Mclean v. Superintendent

CourtDistrict Court, N.D. New York
DecidedFebruary 22, 2021
Docket9:19-cv-01227
StatusUnknown

This text of Mclean v. Superintendent (Mclean v. Superintendent) is published on Counsel Stack Legal Research, covering District Court, N.D. New York primary law. Counsel Stack provides free access to over 12 million legal documents including statutes, case law, regulations, and constitutions.

Bluebook
Mclean v.

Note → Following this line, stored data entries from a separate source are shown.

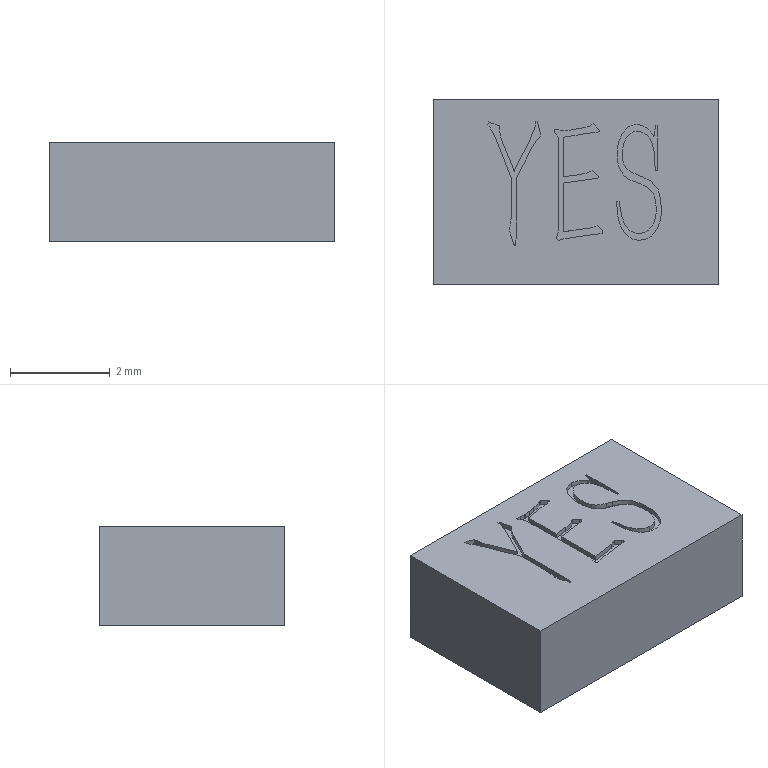Component | SolidWorks | Button2-1 | 1 solid | 89 faces | box 5.7 x 3.7 x 2 mm | volume 42 mm3 | plane 55 | spline 34
build123d program:
from build123d import *

# Parameters (mm, degrees)
SKETCH1_W           = 5.7
SKETCH1_H           = 3.7
BOSS_EXTRUDE1_DEPTH = 2
CUT_EXTRUDE1_DEPTH  = 0.1


with BuildPart() as part:
    # Sketch1 → Boss-Extrude1 (new body)
    with BuildSketch(Plane.XY):
        with Locations((2.85, 1.85)):
            Rectangle(SKETCH1_W, SKETCH1_H)
    extrude(amount=BOSS_EXTRUDE1_DEPTH)

    # Sketch2 → Cut-Extrude1 (cut)
    with BuildSketch(Plane.XY.offset(2)):
        with BuildLine():
            Line((1.655, 2.118), (1.658, 1.146))
            Line((1.658, 1.146), (1.651, 0.9093))
            add(Edge.make_bspline(
                [(1.651, 0.9093), (1.65, 0.8917), (1.648, 0.8597), (1.642, 0.8228), (1.637, 0.7994), (1.634, 0.7888), (1.628, 0.7815), (1.624, 0.7826), (1.622, 0.7831)],
                knots=[0, 0, 0, 0, 2.334, 4.235, 4.959, 5.465, 5.764, 6, 6, 6, 6], degree=3))
            add(Edge.make_bspline(
                [(1.622, 0.7831), (1.621, 0.7836), (1.617, 0.7849), (1.61, 0.7886), (1.604, 0.7989), (1.597, 0.8146), (1.592, 0.8406), (1.586, 0.8609), (1.583, 0.8731)],
                knots=[0, 0, 0, 0, 0.2675, 0.7025, 1.354, 2.279, 3.767, 6, 6, 6, 6], degree=3))
            Line((1.583, 0.8731), (1.54, 1.006))
            add(Edge.make_bspline(
                [(1.54, 1.006), (1.535, 1.019), (1.526, 1.042), (1.518, 1.072), (1.512, 1.094), (1.514, 1.106), (1.515, 1.111)],
                knots=[0, 0, 0, 0, 1.524, 2.689, 3.507, 4, 4, 4, 4], degree=3))
            Line((1.515, 1.111), (1.525, 1.146))
            add(Edge.make_bspline(
                [(1.525, 1.146), (1.527, 1.15), (1.53, 1.159), (1.533, 1.175), (1.536, 1.195), (1.538, 1.21), (1.54, 1.218)],
                knots=[0, 0, 0, 0, 0.6419, 1.535, 2.651, 4, 4, 4, 4], degree=3))
            Line((1.54, 1.218), (1.558, 1.358))
            add(Edge.make_bspline(
                [(1.558, 1.358), (1.558, 1.359), (1.558, 1.364), (1.558, 1.373), (1.558, 1.389), (1.558, 1.411), (1.558, 1.439), (1.558, 1.474), (1.558, 1.515), (1.558, 1.544), (1.558, 1.56)],
                knots=[0, 0, 0, 0, 0.127, 0.5079, 1.122, 2.011, 3.132, 4.508, 6.116, 8, 8, 8, 8], degree=3))
            Line((1.558, 1.56), (1.558, 2.11))
            Line((1.558, 2.11), (1.277, 2.837))
            add(Edge.make_bspline(
                [(1.277, 2.837), (1.271, 2.852), (1.259, 2.88), (1.243, 2.92), (1.228, 2.954), (1.211, 2.991), (1.19, 3.034), (1.163, 3.081), (1.14, 3.121), (1.125, 3.144), (1.119, 3.153)],
                knots=[0, 0, 0, 0, 1.116, 2.081, 2.921, 3.609, 4.867, 6.138, 7.243, 8, 8, 8, 8], degree=3))
            Line((1.119, 3.153), (1.087, 3.193))
            Line((1.087, 3.193), (1.101, 3.25))
            Line((1.101, 3.25), (1.313, 3.174))
            add(Edge.make_bspline(
                [(1.313, 3.174), (1.314, 3.16), (1.317, 3.134), (1.319, 3.103), (1.322, 3.078), (1.326, 3.056), (1.329, 3.03), (1.334, 2.99), (1.343, 2.939), (1.357, 2.901), (1.363, 2.883)],
                knots=[0, 0, 0, 0, 1.154, 2.091, 2.569, 3.164, 3.888, 4.729, 6.442, 8, 8, 8, 8], degree=3))
            Line((1.363, 2.883), (1.611, 2.268))
            Line((1.611, 2.268), (1.914, 2.862))
            add(Edge.make_bspline(
                [(1.914, 2.862), (1.918, 2.872), (1.928, 2.893), (1.944, 2.928), (1.962, 2.968), (1.982, 3.012), (2, 3.054), (2.014, 3.09), (2.024, 3.119), (2.027, 3.135), (2.029, 3.142)],
                knots=[0, 0, 0, 0, 0.8671, 1.872, 3.042, 4.362, 5.646, 6.673, 7.455, 8, 8, 8, 8], degree=3))
            Line((2.029, 3.142), (2.043, 3.257))
            Line((2.043, 3.257), (2.079, 3.257))
            Line((2.079, 3.257), (2.147, 2.969))
            add(Edge.make_bspline(
                [(2.147, 2.969), (2.138, 2.962), (2.121, 2.949), (2.1, 2.932), (2.083, 2.914), (2.068, 2.896), (2.05, 2.872), (2.023, 2.836), (1.992, 2.791), (1.973, 2.753), (1.964, 2.736)],
                knots=[0, 0, 0, 0, 0.9134, 1.741, 2.213, 2.829, 3.632, 4.588, 6.466, 8, 8, 8, 8], degree=3))
            Line((1.964, 2.736), (1.655, 2.118))
        make_face()
        with BuildLine():
            Line((2.603, 2.944), (2.603, 2.153))
            Line((2.603, 2.153), (2.905, 2.193))
            add(Edge.make_bspline(
                [(2.905, 2.193), (2.916, 2.194), (2.94, 2.198), (2.978, 2.205), (3.015, 2.214), (3.048, 2.223), (3.077, 2.233), (3.103, 2.243), (3.126, 2.254), (3.14, 2.264), (3.146, 2.268)],
                knots=[0, 0, 0, 0, 1.035, 2.296, 3.567, 4.627, 5.549, 6.429, 7.252, 8, 8, 8, 8], degree=3))
            Line((3.146, 2.268), (3.179, 2.286))
            Line((3.179, 2.286), (3.283, 2.182))
            add(Edge.make_bspline(
                [(3.283, 2.182), (3.288, 2.176), (3.296, 2.166), (3.3, 2.149), (3.297, 2.136), (3.289, 2.127), (3.278, 2.121), (3.27, 2.121), (3.265, 2.121)],
                knots=[0, 0, 0, 0, 1.598, 2.656, 3.463, 4.277, 5.07, 6, 6, 6, 6], degree=3))
            Line((3.265, 2.121), (2.603, 2.027))
            Line((2.603, 2.027), (2.603, 1.053))
            Line((2.603, 1.053), (3.139, 1.128))
            add(Edge.make_bspline(
                [(3.139, 1.128), (3.148, 1.13), (3.165, 1.133), (3.19, 1.141), (3.215, 1.152), (3.232, 1.16), (3.24, 1.164)],
                knots=[0, 0, 0, 0, 0.9523, 1.924, 2.936, 4, 4, 4, 4], degree=3))
            Line((3.24, 1.164), (3.272, 1.183))
            Line((3.272, 1.183), (3.373, 1.071))
            add(Edge.make_bspline(
                [(3.373, 1.071), (3.378, 1.065), (3.386, 1.055), (3.388, 1.038), (3.384, 1.027), (3.379, 1.017), (3.366, 1.014), (3.357, 1.013), (3.351, 1.013)],
                knots=[0, 0, 0, 0, 1.609, 2.656, 3.444, 4.084, 4.768, 6, 6, 6, 6], degree=3))
            Line((3.351, 1.013), (3.298, 1.01))
            add(Edge.make_bspline(
                [(3.298, 1.01), (3.282, 1.009), (3.25, 1.006), (3.198, 0.9998), (3.14, 0.9921), (3.075, 0.9838), (3.004, 0.9735), (2.926, 0.9619), (2.842, 0.9483), (2.784, 0.9391), (2.754, 0.9344)],
                knots=[0, 0, 0, 0, 0.6631, 1.429, 2.283, 3.238, 4.282, 5.428, 6.663, 8, 8, 8, 8], degree=3))
            Line((2.754, 0.9344), (2.589, 0.9056))
            add(Edge.make_bspline(
                [(2.589, 0.9056), (2.576, 0.9006), (2.553, 0.8917), (2.522, 0.8825), (2.495, 0.8838), (2.473, 0.8971), (2.463, 0.9244), (2.465, 0.9443), (2.466, 0.9557)],
                knots=[0, 0, 0, 0, 1.38, 2.456, 3.257, 4.014, 4.864, 6, 6, 6, 6], degree=3))
            add(Edge.make_bspline(
                [(2.466, 0.9557), (2.467, 0.9598), (2.469, 0.9715), (2.477, 0.9917), (2.484, 1.018), (2.491, 1.05), (2.495, 1.091), (2.498, 1.122), (2.499, 1.139)],
                knots=[0, 0, 0, 0, 0.3984, 1.132, 2.072, 3.033, 4.271, 6, 6, 6, 6], degree=3))
            Line((2.499, 1.139), (2.499, 1.208))
            add(Edge.make_bspline(
                [(2.499, 1.208), (2.5, 1.218), (2.501, 1.236), (2.501, 1.261), (2.503, 1.281), (2.503, 1.293), (2.503, 1.298)],
                knots=[0, 0, 0, 0, 1.326, 2.438, 3.314, 4, 4, 4, 4], degree=3))
            Line((2.503, 1.298), (2.499, 2.944))
            add(Edge.make_bspline(
                [(2.499, 2.944), (2.492, 2.953), (2.478, 2.97), (2.456, 2.993), (2.439, 3.016), (2.423, 3.034), (2.415, 3.052), (2.41, 3.068), (2.411, 3.082), (2.408, 3.096), (2.423, 3.106), (2.434, 3.104), (2.441, 3.102)],
                knots=[0, 0, 0, 0, 1.535, 3.086, 4.484, 5.549, 6.416, 7.188, 7.885, 8.433, 8.98, 10, 10, 10, 10], degree=3))
            Line((2.441, 3.102), (2.51, 3.092))
            add(Edge.make_bspline(
                [(2.51, 3.092), (2.525, 3.09), (2.551, 3.086), (2.586, 3.083), (2.612, 3.081), (2.626, 3.084), (2.632, 3.084)],
                knots=[0, 0, 0, 0, 1.483, 2.595, 3.408, 4, 4, 4, 4], degree=3))
            Line((2.632, 3.084), (2.643, 3.084))
            add(Edge.make_bspline(
                [(2.643, 3.084), (2.656, 3.085), (2.682, 3.085), (2.719, 3.085), (2.752, 3.089), (2.773, 3.093), (2.783, 3.096)],
                knots=[0, 0, 0, 0, 1.165, 2.193, 3.137, 4, 4, 4, 4], degree=3))
            Line((2.783, 3.096), (2.924, 3.121))
            add(Edge.make_bspline(
                [(2.924, 3.121), (2.937, 3.123), (2.962, 3.126), (2.996, 3.132), (3.028, 3.14), (3.06, 3.149), (3.093, 3.159), (3.122, 3.17), (3.145, 3.18), (3.159, 3.189), (3.164, 3.193)],
                knots=[0, 0, 0, 0, 1.33, 2.357, 3.309, 4.413, 5.543, 6.513, 7.35, 8, 8, 8, 8], degree=3))
            Line((3.164, 3.193), (3.197, 3.214))
            Line((3.197, 3.214), (3.301, 3.106))
            add(Edge.make_bspline(
                [(3.301, 3.106), (3.304, 3.1), (3.311, 3.09), (3.316, 3.075), (3.314, 3.063), (3.306, 3.055), (3.296, 3.049), (3.287, 3.049), (3.283, 3.049)],
                knots=[0, 0, 0, 0, 1.627, 2.653, 3.381, 4.196, 5.044, 6, 6, 6, 6], degree=3))
            Line((3.283, 3.049), (3.226, 3.041))
            add(Edge.make_bspline(
                [(3.226, 3.041), (3.213, 3.04), (3.19, 3.037), (3.157, 3.032), (3.129, 3.029), (3.106, 3.025), (3.087, 3.023), (3.073, 3.022), (3.063, 3.021), (3.058, 3.02), (3.056, 3.02)],
                knots=[0, 0, 0, 0, 1.762, 3.297, 4.631, 5.74, 6.619, 7.297, 7.749, 8, 8, 8, 8], degree=3))
            Line((3.056, 3.02), (2.603, 2.944))
        make_face()
        with BuildLine():
            Line((4.409, 2.959), (4.446, 3.178))
            Line((4.446, 3.178), (4.481, 3.174))
            Line((4.481, 3.174), (4.481, 2.276))
            Line((4.481, 2.276), (4.438, 2.272))
            Line((4.438, 2.272), (4.413, 2.653))
            add(Edge.make_bspline(
                [(4.413, 2.653), (4.41, 2.674), (4.404, 2.713), (4.392, 2.766), (4.381, 2.81), (4.363, 2.854), (4.338, 2.901), (4.3, 2.951), (4.255, 2.996), (4.202, 3.032), (4.144, 3.059), (4.103, 3.064), (4.082, 3.067)],
                knots=[0, 0, 0, 0, 1.116, 2.064, 2.832, 3.447, 4.519, 5.603, 6.709, 7.828, 8.938, 10, 10, 10, 10], degree=3))
            add(Edge.make_bspline(
                [(4.082, 3.067), (4.07, 3.066), (4.045, 3.065), (4.014, 3.058), (3.987, 3.048), (3.965, 3.036), (3.941, 3.019), (3.916, 2.998), (3.89, 2.974), (3.868, 2.947), (3.848, 2.916), (3.827, 2.873), (3.806, 2.817), (3.792, 2.759), (3.786, 2.711), (3.782, 2.67), (3.779, 2.625), (3.777, 2.575), (3.779, 2.524), (3.787, 2.475), (3.8, 2.427), (3.813, 2.398), (3.82, 2.383)],
                knots=[0, 0, 0, 0, 0.864, 1.774, 2.275, 2.882, 3.575, 4.376, 5.219, 6.056, 6.917, 7.795, 9.516, 11.157, 12.014, 12.981, 14.073, 15.277, 16.507, 17.699, 18.859, 20, 20, 20, 20], degree=3))
            add(Edge.make_bspline(
                [(3.82, 2.383), (3.827, 2.37), (3.842, 2.343), (3.869, 2.308), (3.901, 2.28), (3.946, 2.251), (4, 2.225), (4.042, 2.208), (4.061, 2.2)],
                knots=[0, 0, 0, 0, 0.8923, 1.74, 2.554, 3.354, 4.822, 6, 6, 6, 6], degree=3))
            Line((4.061, 2.2), (4.187, 2.149))
            add(Edge.make_bspline(
                [(4.187, 2.149), (4.202, 2.142), (4.232, 2.129), (4.274, 2.107), (4.312, 2.085), (4.356, 2.056), (4.404, 2.017), (4.452, 1.964), (4.491, 1.904), (4.515, 1.833), (4.534, 1.757), (4.547, 1.674), (4.556, 1.584), (4.559, 1.487), (4.558, 1.387), (4.545, 1.322), (4.539, 1.29)],
                knots=[0, 0, 0, 0, 0.7032, 1.354, 1.954, 2.507, 3.526, 4.489, 5.438, 6.454, 7.532, 8.673, 9.9, 11.268, 12.658, 14, 14, 14, 14], degree=3))
            add(Edge.make_bspline(
                [(4.539, 1.29), (4.531, 1.258), (4.516, 1.196), (4.483, 1.124), (4.454, 1.074), (4.433, 1.041), (4.411, 1.013), (4.383, 0.9799), (4.34, 0.945), (4.29, 0.9173), (4.244, 0.9001), (4.206, 0.8902), (4.165, 0.8852), (4.136, 0.8843), (4.122, 0.8838)],
                knots=[0, 0, 0, 0, 1.868, 3.619, 4.43, 5.163, 5.83, 6.429, 7.607, 8.939, 9.658, 10.394, 11.175, 12, 12, 12, 12], degree=3))
            add(Edge.make_bspline(
                [(4.122, 0.8838), (4.105, 0.8839), (4.073, 0.8841), (4.026, 0.8916), (3.982, 0.9055), (3.941, 0.9261), (3.902, 0.9519), (3.867, 0.9825), (3.834, 1.018), (3.802, 1.056), (3.775, 1.1), (3.75, 1.148), (3.729, 1.2), (3.705, 1.273), (3.685, 1.366), (3.679, 1.441), (3.676, 1.477)],
                knots=[0, 0, 0, 0, 0.8339, 1.632, 2.411, 3.189, 3.973, 4.77, 5.584, 6.428, 7.308, 8.216, 9.166, 10.157, 12.133, 14, 14, 14, 14], degree=3))
            Line((3.676, 1.477), (3.661, 1.668))
            Line((3.661, 1.668), (3.712, 1.668))
            add(Edge.make_bspline(
                [(3.712, 1.668), (3.715, 1.645), (3.72, 1.602), (3.73, 1.539), (3.74, 1.482), (3.752, 1.413), (3.771, 1.335), (3.801, 1.25), (3.84, 1.176), (3.881, 1.123), (3.917, 1.087), (3.946, 1.066), (3.974, 1.048), (4.011, 1.033), (4.059, 1.02), (4.096, 1.021), (4.115, 1.021)],
                knots=[0, 0, 0, 0, 1.135, 2.183, 3.161, 4.052, 5.676, 7.155, 8.522, 9.84, 10.472, 11.06, 11.601, 12.121, 13.087, 14, 14, 14, 14], degree=3))
            add(Edge.make_bspline(
                [(4.115, 1.021), (4.131, 1.021), (4.162, 1.022), (4.206, 1.032), (4.247, 1.046), (4.283, 1.068), (4.315, 1.095), (4.344, 1.127), (4.37, 1.162), (4.392, 1.202), (4.412, 1.243), (4.428, 1.283), (4.44, 1.323), (4.448, 1.362), (4.453, 1.403), (4.456, 1.446), (4.458, 1.493), (4.457, 1.525), (4.456, 1.542)],
                knots=[0, 0, 0, 0, 1.108, 2.126, 3.098, 4.036, 4.985, 5.948, 6.947, 7.997, 9.046, 10.05, 10.988, 11.882, 12.789, 13.788, 14.845, 16, 16, 16, 16], degree=3))
            add(Edge.make_bspline(
                [(4.456, 1.542), (4.454, 1.569), (4.451, 1.618), (4.44, 1.685), (4.426, 1.742), (4.407, 1.789), (4.385, 1.827), (4.362, 1.862), (4.335, 1.893), (4.305, 1.92), (4.272, 1.945), (4.235, 1.968), (4.193, 1.99), (4.163, 2.003), (4.147, 2.009)],
                knots=[0, 0, 0, 0, 1.578, 2.946, 4.098, 5.071, 5.936, 6.762, 7.575, 8.365, 9.177, 10.055, 10.991, 12, 12, 12, 12], degree=3))
            Line((4.147, 2.009), (3.992, 2.067))
            add(Edge.make_bspline(
                [(3.992, 2.067), (3.968, 2.077), (3.92, 2.098), (3.855, 2.141), (3.798, 2.192), (3.752, 2.254), (3.717, 2.326), (3.696, 2.394), (3.684, 2.455), (3.678, 2.507), (3.675, 2.564), (3.675, 2.603), (3.676, 2.624)],
                knots=[0, 0, 0, 0, 1.142, 2.262, 3.359, 4.445, 5.59, 6.836, 7.519, 8.279, 9.098, 10, 10, 10, 10], degree=3))
            add(Edge.make_bspline(
                [(3.676, 2.624), (3.676, 2.642), (3.676, 2.677), (3.68, 2.727), (3.686, 2.773), (3.698, 2.83), (3.718, 2.896), (3.749, 2.97), (3.786, 3.036), (3.828, 3.092), (3.876, 3.135), (3.92, 3.166), (3.96, 3.183), (3.994, 3.193), (4.031, 3.198), (4.058, 3.199), (4.072, 3.199)],
                knots=[0, 0, 0, 0, 0.9712, 1.877, 2.722, 3.497, 4.993, 6.466, 7.856, 9.083, 10.219, 11.35, 11.94, 12.569, 13.259, 14, 14, 14, 14], degree=3))
            add(Edge.make_bspline(
                [(4.072, 3.199), (4.087, 3.198), (4.117, 3.194), (4.162, 3.182), (4.205, 3.165), (4.246, 3.141), (4.283, 3.115), (4.316, 3.087), (4.344, 3.058), (4.359, 3.037), (4.366, 3.027)],
                knots=[0, 0, 0, 0, 1.05, 2.088, 3.146, 4.218, 5.268, 6.247, 7.154, 8, 8, 8, 8], degree=3))
            Line((4.366, 3.027), (4.409, 2.959))
        make_face()
    extrude(amount=-CUT_EXTRUDE1_DEPTH, mode=Mode.SUBTRACT)


solid = part.part

# Placed as in the assembly
solid = solid.moved(Location((-81.206, -4.714, 277.152), (0, 0, 0)))

Superintendent, (N.D.N.Y. 2021).

Opinion

UNITED STATES DISTRICT COURT NORTHERN DISTRICT OF NEW YORK

JERMELL McLEAN,

Plaintiff,

-against- 9:19-CV-1227 (LEK/ATB)

DARWIN LaCLAIR, et al.,

Defendants.

MEMORANDUM-DECISION AND ORDER I. INTRODUCTION Pro se plaintiff Jermell McLean brings this action against several officials at Franklin Correctional Facility (“Franklin C.F.”), asserting Eighth Amendment claims related to the alleged denial of his medical needs while he was incarcerated there. Dkt. No. 9 (“First Amended Complaint” or “FAC”).1 Defendants filed a combined motion for summary judgment and motion to dismiss. Dkt. Nos. 17 (“Motion”); 17-3 (“Tavernier Declaration”); 17-4 (“Seguin Declaration”); 20 (“Response”); 21 (“Reply”). In a Report-Recommendation issued on August 5, 2020, the Honorable Andrew T. Baxter, United States Magistrate Judge, granted Defendants’ motion for summary judgment on exhaustion grounds, while also reaching the substance of Plaintiff’s claim against Defendant Darwin LaClair, dismissing it for failure to state a claim. Dkt. No. 22 (“Report-Recommendation”). Plaintiff filed objections. Dkt. No. 23 (“Objections”). For the reasons that follow, the Court rejects the Report-Recommendation with respect to exhaustion, while adopting its conclusion regarding Plaintiff’s claim against LaClair.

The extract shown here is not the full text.